Verla salir en vuelo desde el agua con esa carpa en las garras, me recuerda a la imagen que tenemos todos del episodio de Féliz Rodriguez de la Fuente del famoso águila!!
Además desconocía que había Pescadoras por ésta zona como bien dices.
Un saludo.

----------


## REEGE

Sigo sorprendido y os pongo otro video que acabo de ver que os gustará:
http://www.youtube.com/watch?v=Cgz4PdugYhk

Y otro video y noticia:
http://www.xatakaciencia.com/medio-a...uila-pescadora

El águila pescadora ha regresado después de 60 años a la Península Ibérica, concretamente a las provincias de Huelva y Cádiz, gracias al proyecto de reintroducción iniciado en 2003, que otorga a la población de la actualidad una probabilidad de supervivencia del 99,99 por ciento. 

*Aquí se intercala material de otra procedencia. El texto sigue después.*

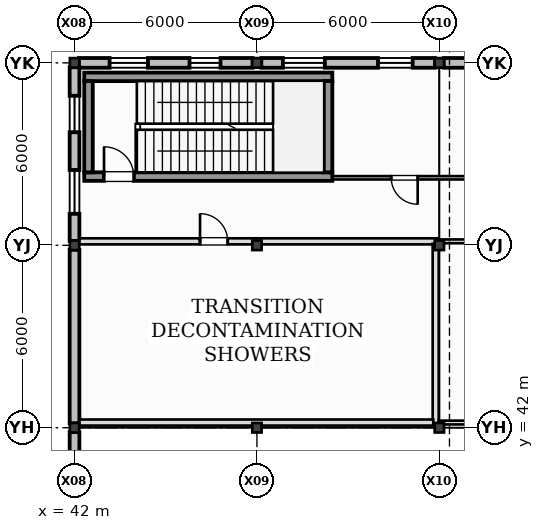
"""IFC4 building model, lengths in metres.
Left out: names, types, materials, properties, quantities, classifications, styles, units other than length and angle.
Written with IfcOpenShell. Run it as: python <this file> out.ifc"""

import sys

from ifc_helpers import new_model, si_unit, direction, frame, frame_2d, origin, origin_2d, place, context, subcontext, project, spatial, rectangle, i_section, extrude, element, fill, save


model = new_model("IFC4")
c1 = context("Model", 3, precision=1e-05, world=origin(), true_north=direction((0.0, 1.0)))
c2 = subcontext(c1, "Body", "Model", "MODEL_VIEW")
j1 = project(units=[si_unit("LENGTHUNIT", "METRE"), si_unit("PLANEANGLEUNIT", "RADIAN")], contexts=[c1])
p1 = place(None, origin())
s1 = spatial("IfcSite", under=j1, at=p1, CompositionType="ELEMENT")
p2 = place(p1, origin())
s2 = spatial("IfcBuilding", under=s1, at=p2, CompositionType="ELEMENT")
p3 = place(p2, frame((0.0, 0.0, 6.0)))
s3 = spatial("IfcBuildingStorey", under=s2, at=p3, CompositionType="ELEMENT", Elevation=6.0)
for number, where, z_axis, x_axis in (
    (1, (42.0, 42.0, 0.0), (0.0, 0.0, 1.0), (1.0, 0.0, 0.0)),
    (2, (42.0, 48.0, 0.0), (0.0, 0.0, 1.0), (1.0, 0.0, 0.0)),
    (3, (42.0, 54.0, 0.0), (0.0, 0.0, 1.0), (1.0, 0.0, 0.0)),
    (4, (48.0, 42.0, 0.0), (0.0, 0.0, 1.0), (1.0, 0.0, 0.0)),
    (5, (48.0, 48.0, 0.0), (0.0, 0.0, 1.0), (1.0, 0.0, 0.0)),
    (6, (48.0, 54.0, 0.0), (0.0, 0.0, 1.0), (1.0, 0.0, 0.0)),
    (7, (54.0, 42.0, 0.0), (0.0, 0.0, 1.0), (1.0, 0.0, 0.0)),
    (8, (54.0, 48.0, 0.0), (0.0, 0.0, 1.0), (1.0, 0.0, 0.0)),
    (9, (54.0, 54.0, 0.0), (0.0, 0.0, 1.0), (1.0, 0.0, 0.0)),
):
    element("IfcColumn", number, at=place(p3, frame(where, z_axis=z_axis, x_axis=x_axis)), inside=s3, PredefinedType="COLUMN", context=c2, shape_type="SweptSolid", body=[
        extrude(i_section(OverallWidth=0.307, OverallDepth=0.314, WebThickness=0.011, FlangeThickness=0.019, at=origin_2d()), origin(), (0.0, 0.0, 1.0), 4.0),
    ])
p4 = place(p3, frame((47.855, 54.0, 0.0), z_axis=(0.0, 0.0, 1.0), x_axis=(-1.0, 0.0, 0.0)))
e10 = element("IfcWall", 10, at=p4, inside=s3, PredefinedType="STANDARD", context=c2, shape_type="SweptSolid", body=[
    extrude(rectangle(XDim=5.71, YDim=0.32, at=frame_2d((2.855, 0.0))), origin(), (0.0, 0.0, 1.0), 4.0),
])
p5 = place(p4, frame((1.053, 0.0, 0.96)))
e11 = element("IfcOpeningElement", 11, at=p5, cuts=e10, PredefinedType="OPENING", context=c2, shape_type="SweptSolid", body=[
    extrude(rectangle(XDim=1.02, YDim=1.02, at=frame_2d((0.51, 0.51))), frame((0.0, 0.17, 0.0), z_axis=(0.0, -1.0, 0.0), x_axis=(1.0, 0.0, 0.0)), (0.0, 0.0, 1.0), 0.34),
])
p6 = place(p4, frame((3.441, 0.0, 0.86)))
e12 = element("IfcOpeningElement", 12, at=p6, cuts=e10, PredefinedType="OPENING", context=c2, shape_type="SweptSolid", body=[
    extrude(rectangle(XDim=1.26, YDim=1.26, at=frame_2d((0.63, 0.63))), frame((0.0, 0.17, 0.0), z_axis=(0.0, -1.0, 0.0), x_axis=(1.0, 0.0, 0.0)), (0.0, 0.0, 1.0), 0.34),
])
p7 = place(p3, frame((53.855, 54.0, 0.0), z_axis=(0.0, 0.0, 1.0), x_axis=(-1.0, 0.0, 0.0)))
e13 = element("IfcWall", 13, at=p7, inside=s3, PredefinedType="STANDARD", context=c2, shape_type="SweptSolid", body=[
    extrude(rectangle(XDim=5.71, YDim=0.32, at=frame_2d((2.855, 0.0))), origin(), (0.0, 0.0, 1.0), 4.0),
])
p8 = place(p7, frame((0.733, 0.0, 1.28)))
e14 = element("IfcOpeningElement", 14, at=p8, cuts=e13, PredefinedType="OPENING", context=c2, shape_type="SweptSolid", body=[
    extrude(rectangle(XDim=1.14, YDim=1.14, at=frame_2d((0.57, 0.57))), frame((0.0, 0.17, 0.0), z_axis=(0.0, -1.0, 0.0), x_axis=(1.0, 0.0, 0.0)), (0.0, 0.0, 1.0), 0.34),
])
p9 = place(p7, frame((3.621, 0.0, 1.18)))
e15 = element("IfcOpeningElement", 15, at=p9, cuts=e13, PredefinedType="OPENING", context=c2, shape_type="SweptSolid", body=[
    extrude(rectangle(XDim=1.38, YDim=1.38, at=frame_2d((0.69, 0.69))), frame((0.0, 0.17, 0.0), z_axis=(0.0, -1.0, 0.0), x_axis=(1.0, 0.0, 0.0)), (0.0, 0.0, 1.0), 0.34),
])
p10 = place(p3, frame((59.855, 54.0, 0.0), z_axis=(0.0, 0.0, 1.0), x_axis=(-1.0, 0.0, 0.0)))
e16 = element("IfcWall", 16, at=p10, inside=s3, PredefinedType="STANDARD", context=c2, shape_type="SweptSolid", body=[
    extrude(rectangle(XDim=5.71, YDim=0.32, at=frame_2d((2.855, 0.0))), origin(), (0.0, 0.0, 1.0), 4.0),
])
p11 = place(p10, frame((0.897, 0.0, 0.86)))
e17 = element("IfcOpeningElement", 17, at=p11, cuts=e16, PredefinedType="OPENING", context=c2, shape_type="SweptSolid", body=[
    extrude(rectangle(XDim=1.26, YDim=1.26, at=frame_2d((0.63, 0.63))), frame((0.0, 0.17, 0.0), z_axis=(0.0, -1.0, 0.0), x_axis=(1.0, 0.0, 0.0)), (0.0, 0.0, 1.0), 0.34),
])
p12 = place(p3, frame((42.0, 41.855, 0.0), z_axis=(0.0, 0.0, 1.0), x_axis=(0.0, -1.0, 0.0)))
e18 = element("IfcWall", 18, at=p12, inside=s3, PredefinedType="STANDARD", context=c2, shape_type="SweptSolid", body=[
    extrude(rectangle(XDim=5.71, YDim=0.32, at=frame_2d((2.855, 0.0))), origin(), (0.0, 0.0, 1.0), 3.318),
])
p13 = place(p12, frame((1.014, 0.0, 0.96)))
e19 = element("IfcOpeningElement", 19, at=p13, cuts=e18, PredefinedType="OPENING", context=c2, shape_type="SweptSolid", body=[
    extrude(rectangle(XDim=1.08, YDim=1.08, at=frame_2d((0.54, 0.54))), frame((0.0, 0.17, 0.0), z_axis=(0.0, -1.0, 0.0), x_axis=(1.0, 0.0, 0.0)), (0.0, 0.0, 1.0), 0.34),
])
p14 = place(p12, frame((3.42, 0.0, 0.86)))
e20 = element("IfcOpeningElement", 20, at=p14, cuts=e18, PredefinedType="OPENING", context=c2, shape_type="SweptSolid", body=[
    extrude(rectangle(XDim=1.32, YDim=1.32, at=frame_2d((0.66, 0.66))), frame((0.0, 0.17, 0.0), z_axis=(0.0, -1.0, 0.0), x_axis=(1.0, 0.0, 0.0)), (0.0, 0.0, 1.0), 0.34),
])
p15 = place(p3, frame((42.0, 47.855, 0.0), z_axis=(0.0, 0.0, 1.0), x_axis=(0.0, -1.0, 0.0)))
e21 = element("IfcWall", 21, at=p15, inside=s3, PredefinedType="STANDARD", context=c2, shape_type="SweptSolid", body=[
    extrude(rectangle(XDim=5.71, YDim=0.32, at=frame_2d((2.855, 0.0))), origin(), (0.0, 0.0, 1.0), 3.339),
])
p16 = place(p3, frame((42.0, 53.855, 0.0), z_axis=(0.0, 0.0, 1.0), x_axis=(0.0, -1.0, 0.0)))
e22 = element("IfcWall", 22, at=p16, inside=s3, PredefinedType="STANDARD", context=c2, shape_type="SweptSolid", body=[
    extrude(rectangle(XDim=5.71, YDim=0.32, at=frame_2d((2.855, 0.0))), origin(), (0.0, 0.0, 1.0), 3.339),
])
p17 = place(p16, frame((0.936, 0.0, 0.86)))
e23 = element("IfcOpeningElement", 23, at=p17, cuts=e22, PredefinedType="OPENING", context=c2, shape_type="SweptSolid", body=[
    extrude(rectangle(XDim=1.2, YDim=1.2, at=frame_2d((0.6, 0.6))), frame((0.0, 0.17, 0.0), z_axis=(0.0, -1.0, 0.0), x_axis=(1.0, 0.0, 0.0)), (0.0, 0.0, 1.0), 0.34),
])
p18 = place(p16, frame((3.378, 0.0, 1.42)))
e24 = element("IfcOpeningElement", 24, at=p18, cuts=e22, PredefinedType="OPENING", context=c2, shape_type="SweptSolid", body=[
    extrude(rectangle(XDim=1.44, YDim=1.44, at=frame_2d((0.72, 0.72))), frame((0.0, 0.17, 0.0), z_axis=(0.0, -1.0, 0.0), x_axis=(1.0, 0.0, 0.0)), (0.0, 0.0, 1.0), 0.34),
])
p19 = place(p3, frame((42.32, 50.26, 0.0), z_axis=(0.0, 0.0, 1.0), x_axis=(1.0, 0.0, 0.0)))
e25 = element("IfcWall", 25, at=p19, inside=s3, PredefinedType="SHEAR", context=c2, shape_type="SweptSolid", body=[
    extrude(rectangle(XDim=8.16, YDim=0.28, at=frame_2d((4.08, 0.0))), origin(), (0.0, 0.0, 1.0), 3.75),
])
p20 = place(p19, frame((0.65, 0.0, 0.0)))
e26 = element("IfcOpeningElement", 26, at=p20, cuts=e25, PredefinedType="OPENING", context=c2, shape_type="SweptSolid", body=[
    extrude(rectangle(XDim=0.98, YDim=2.15, at=frame_2d((0.49, 1.075))), frame((0.0, 0.15, 0.0), z_axis=(0.0, -1.0, 0.0), x_axis=(1.0, 0.0, 0.0)), (0.0, 0.0, 1.0), 0.3),
])
p21 = place(p3, frame((50.48, 53.54, 0.0), z_axis=(0.0, 0.0, 1.0), x_axis=(-1.0, 0.0, 0.0)))
e27 = element("IfcWall", 27, at=p21, inside=s3, PredefinedType="SHEAR", context=c2, shape_type="SweptSolid", body=[
    extrude(rectangle(XDim=8.16, YDim=0.28, at=frame_2d((4.08, 0.0))), origin(), (0.0, 0.0, 1.0), 3.75),
])
for number, where, z_axis, x_axis in (
    (28, (42.46, 53.4, 0.0), (0.0, 0.0, 1.0), (0.0, -1.0, 0.0)),
    (29, (50.34, 50.4, 0.0), (0.0, 0.0, 1.0), (0.0, 1.0, 0.0)),
):
    element("IfcWall", number, at=place(p3, frame(where, z_axis=z_axis, x_axis=x_axis)), inside=s3, PredefinedType="SHEAR", context=c2, shape_type="SweptSolid", body=[
        extrude(rectangle(XDim=3.0, YDim=0.28, at=frame_2d((1.5, 0.0))), origin(), (0.0, 0.0, 1.0), 3.75),
    ])
p22 = place(p3, frame((42.16, 48.13, 0.0), z_axis=(0.0, 0.0, 1.0), x_axis=(1.0, 0.0, 0.0)))
e30 = element("IfcWall", 30, at=p22, inside=s3, PredefinedType="PARTITIONING", context=c2, shape_type="SweptSolid", body=[
    extrude(rectangle(XDim=11.76, YDim=0.2, at=frame_2d((5.88, 0.0))), origin(), (0.0, 0.0, 1.0), 3.72),
])
p23 = place(p22, frame((3.969, 0.0, 0.0)))
e31 = element("IfcOpeningElement", 31, at=p23, cuts=e30, PredefinedType="OPENING", context=c2, shape_type="SweptSolid", body=[
    extrude(rectangle(XDim=0.91, YDim=2.1, at=frame_2d((0.455, 1.05))), frame((0.0, 0.11, 0.0), z_axis=(0.0, -1.0, 0.0), x_axis=(1.0, 0.0, 0.0)), (0.0, 0.0, 1.0), 0.22),
])
p24 = place(p3, frame((53.88, 48.05, 0.0), z_axis=(0.0, 0.0, 1.0), x_axis=(0.0, -1.0, 0.0)))
e32 = element("IfcWall", 32, at=p24, inside=s3, PredefinedType="PARTITIONING", context=c2, shape_type="SweptSolid", body=[
    extrude(rectangle(XDim=5.92, YDim=0.2, at=frame_2d((2.96, 0.0))), origin(), (0.0, 0.0, 1.0), 3.72),
])
p25 = place(p3, frame((53.8, 42.17, 0.0), z_axis=(0.0, 0.0, 1.0), x_axis=(-1.0, 0.0, 0.0)))
e33 = element("IfcWall", 33, at=p25, inside=s3, PredefinedType="PARTITIONING", context=c2, shape_type="SweptSolid", body=[
    extrude(rectangle(XDim=11.64, YDim=0.2, at=frame_2d((5.82, 0.0))), origin(), (0.0, 0.0, 1.0), 3.72),
])
p26 = place(p3, frame((53.98, 48.13, 0.0), z_axis=(0.0, 0.0, 1.0), x_axis=(1.0, 0.0, 0.0)))
e34 = element("IfcWall", 34, at=p26, inside=s3, PredefinedType="PARTITIONING", context=c2, shape_type="SweptSolid", body=[
    extrude(rectangle(XDim=11.92, YDim=0.125, at=frame_2d((5.96, 0.0))), origin(), (0.0, 0.0, 1.0), 3.72),
])
p27 = place(p26, frame((3.936, 0.0, 0.0)))
e35 = element("IfcOpeningElement", 35, at=p27, cuts=e34, PredefinedType="OPENING", context=c2, shape_type="SweptSolid", body=[
    extrude(rectangle(XDim=1.16, YDim=2.2, at=frame_2d((0.58, 1.1))), frame((0.0, 0.073, 0.0), z_axis=(0.0, -1.0, 0.0), x_axis=(1.0, 0.0, 0.0)), (0.0, 0.0, 1.0), 0.145),
])
p28 = place(p3, frame((65.9, 42.17, 0.0), z_axis=(0.0, 0.0, 1.0), x_axis=(-1.0, 0.0, 0.0)))
e36 = element("IfcWall", 36, at=p28, inside=s3, PredefinedType="PARTITIONING", context=c2, shape_type="SweptSolid", body=[
    extrude(rectangle(XDim=11.92, YDim=0.125, at=frame_2d((5.96, 0.0))), origin(), (0.0, 0.0, 1.0), 3.72),
])
p29 = place(p3, frame((55.225, 50.22, 0.0), z_axis=(0.0, 0.0, 1.0), x_axis=(-1.0, 0.0, 0.0)))
e37 = element("IfcWall", 37, at=p29, inside=s3, PredefinedType="PARTITIONING", context=c2, shape_type="SweptSolid", body=[
    extrude(rectangle(XDim=4.745, YDim=0.11, at=frame_2d((2.373, 0.0))), origin(), (0.0, 0.0, 1.0), 3.72),
])
p30 = place(p29, frame((1.938, 0.0, 0.0)))
e38 = element("IfcOpeningElement", 38, at=p30, cuts=e37, PredefinedType="OPENING", context=c2, shape_type="SweptSolid", body=[
    extrude(rectangle(XDim=0.87, YDim=2.06, at=frame_2d((0.435, 1.03))), frame((0.0, 0.065, 0.0), z_axis=(0.0, -1.0, 0.0), x_axis=(1.0, 0.0, 0.0)), (0.0, 0.0, 1.0), 0.13),
])
p31 = place(p5, origin())
e39 = element("IfcWindow", 39, at=p31, inside=s3, PartitioningType="SINGLE_PANEL", PredefinedType="WINDOW", context=c2, shape_type="SweptSolid", body=[
    extrude(rectangle(XDim=1.02, YDim=1.02, at=frame_2d((0.51, 0.51))), frame((0.0, 0.03, 0.0), z_axis=(0.0, -1.0, 0.0), x_axis=(1.0, 0.0, 0.0)), (0.0, 0.0, 1.0), 0.06),
])
fill(e11, e39)
p32 = place(p6, origin())
e40 = element("IfcWindow", 40, at=p32, inside=s3, PartitioningType="SINGLE_PANEL", PredefinedType="WINDOW", context=c2, shape_type="SweptSolid", body=[
    extrude(rectangle(XDim=1.26, YDim=1.26, at=frame_2d((0.63, 0.63))), frame((0.0, 0.03, 0.0), z_axis=(0.0, -1.0, 0.0), x_axis=(1.0, 0.0, 0.0)), (0.0, 0.0, 1.0), 0.06),
])
fill(e12, e40)
p33 = place(p8, origin())
e41 = element("IfcWindow", 41, at=p33, inside=s3, PartitioningType="SINGLE_PANEL", PredefinedType="WINDOW", context=c2, shape_type="SweptSolid", body=[
    extrude(rectangle(XDim=1.14, YDim=1.14, at=frame_2d((0.57, 0.57))), frame((0.0, 0.03, 0.0), z_axis=(0.0, -1.0, 0.0), x_axis=(1.0, 0.0, 0.0)), (0.0, 0.0, 1.0), 0.06),
])
fill(e14, e41)
p34 = place(p9, origin())
e42 = element("IfcWindow", 42, at=p34, inside=s3, PartitioningType="SINGLE_PANEL", PredefinedType="WINDOW", context=c2, shape_type="SweptSolid", body=[
    extrude(rectangle(XDim=1.38, YDim=1.38, at=frame_2d((0.69, 0.69))), frame((0.0, 0.03, 0.0), z_axis=(0.0, -1.0, 0.0), x_axis=(1.0, 0.0, 0.0)), (0.0, 0.0, 1.0), 0.06),
])
fill(e15, e42)
p35 = place(p17, origin())
e43 = element("IfcWindow", 43, at=p35, inside=s3, PartitioningType="SINGLE_PANEL", PredefinedType="WINDOW", context=c2, shape_type="SweptSolid", body=[
    extrude(rectangle(XDim=1.2, YDim=1.2, at=frame_2d((0.6, 0.6))), frame((0.0, 0.03, 0.0), z_axis=(0.0, -1.0, 0.0), x_axis=(1.0, 0.0, 0.0)), (0.0, 0.0, 1.0), 0.06),
])
fill(e23, e43)
p36 = place(p18, origin())
e44 = element("IfcWindow", 44, at=p36, inside=s3, PartitioningType="SINGLE_PANEL", PredefinedType="WINDOW", context=c2, shape_type="SweptSolid", body=[
    extrude(rectangle(XDim=1.44, YDim=1.44, at=frame_2d((0.72, 0.72))), frame((0.0, 0.03, 0.0), z_axis=(0.0, -1.0, 0.0), x_axis=(1.0, 0.0, 0.0)), (0.0, 0.0, 1.0), 0.06),
])
fill(e24, e44)
p37 = place(p20, origin())
e45 = element("IfcDoor", 45, at=p37, inside=s3, OperationType="SINGLE_SWING_LEFT", PredefinedType="DOOR", context=c2, shape_type="SweptSolid", body=[
    extrude(rectangle(XDim=0.98, YDim=2.15, at=frame_2d((0.49, 1.075))), frame((0.0, 0.025, 0.0), z_axis=(0.0, -1.0, 0.0), x_axis=(1.0, 0.0, 0.0)), (0.0, 0.0, 1.0), 0.05),
])
fill(e26, e45)
p38 = place(p23, frame((0.91, 0.0, 0.0), z_axis=(0.0, 0.0, 1.0), x_axis=(-1.0, 0.0, 0.0)))
e46 = element("IfcDoor", 46, at=p38, inside=s3, OperationType="SINGLE_SWING_LEFT", PredefinedType="DOOR", context=c2, shape_type="SweptSolid", body=[
    extrude(rectangle(XDim=0.91, YDim=2.1, at=frame_2d((0.455, 1.05))), frame((0.0, 0.025, 0.0), z_axis=(0.0, -1.0, 0.0), x_axis=(1.0, 0.0, 0.0)), (0.0, 0.0, 1.0), 0.05),
])
fill(e31, e46)
p39 = place(p30, frame((0.87, 0.0, 0.0), z_axis=(0.0, 0.0, 1.0), x_axis=(-1.0, 0.0, 0.0)))
e47 = element("IfcDoor", 47, at=p39, inside=s3, OperationType="SINGLE_SWING_LEFT", PredefinedType="DOOR", context=c2, shape_type="SweptSolid", body=[
    extrude(rectangle(XDim=0.87, YDim=2.06, at=frame_2d((0.435, 1.03))), frame((0.0, 0.025, 0.0), z_axis=(0.0, -1.0, 0.0), x_axis=(1.0, 0.0, 0.0)), (0.0, 0.0, 1.0), 0.05),
])
fill(e38, e47)
save(model, sys.argv[1])

Así lo ha puesto hoy de manifiesto en rueda de prensa en Huelva el presidente de la Fundación Migres, Miguel Ferrer, que ha sido el encargado de dirigir el proyecto durante estos años y ha expuesto los datos más significativos en el Paraje Natural Marismas del Odiel (Huelva), lugar elegido junto con el de Los Alcornocales (Cádiz) para el desarrollo de la especie

----------


## REEGE

Impresionante de éste experto cazador en el agua... :EEK!: 
Como se lanza a por sus presas!!!
http://www.youtube.com/watch?v=0y-xrbYjFNk

----------


## frfmfrfm

REEGE, no te da na poner el primer lance del águila, los pesca a manojos y tu solo de uno en uno,je,je.
Un saludo.

----------


## Los terrines

Buenos días.

Con respecto a lo de no llevar la cámara cuando se dan estas oportunidades, hay un viejo refrán castellano que dice algo así como que cuando vas a cazar, hay leña, y cuando vas a por leña sale caza, que creo que refleja muy bien lo que pasa en estos casos a cazadores, leñadores, fotógrafos y otros.

Un cordial saludo a todos.

----------


## F. Lázaro

Reege, ayer el águila fue más lista que tu y te quitó la carpa, jajaja  :Big Grin:  :Big Grin:  :Big Grin:

----------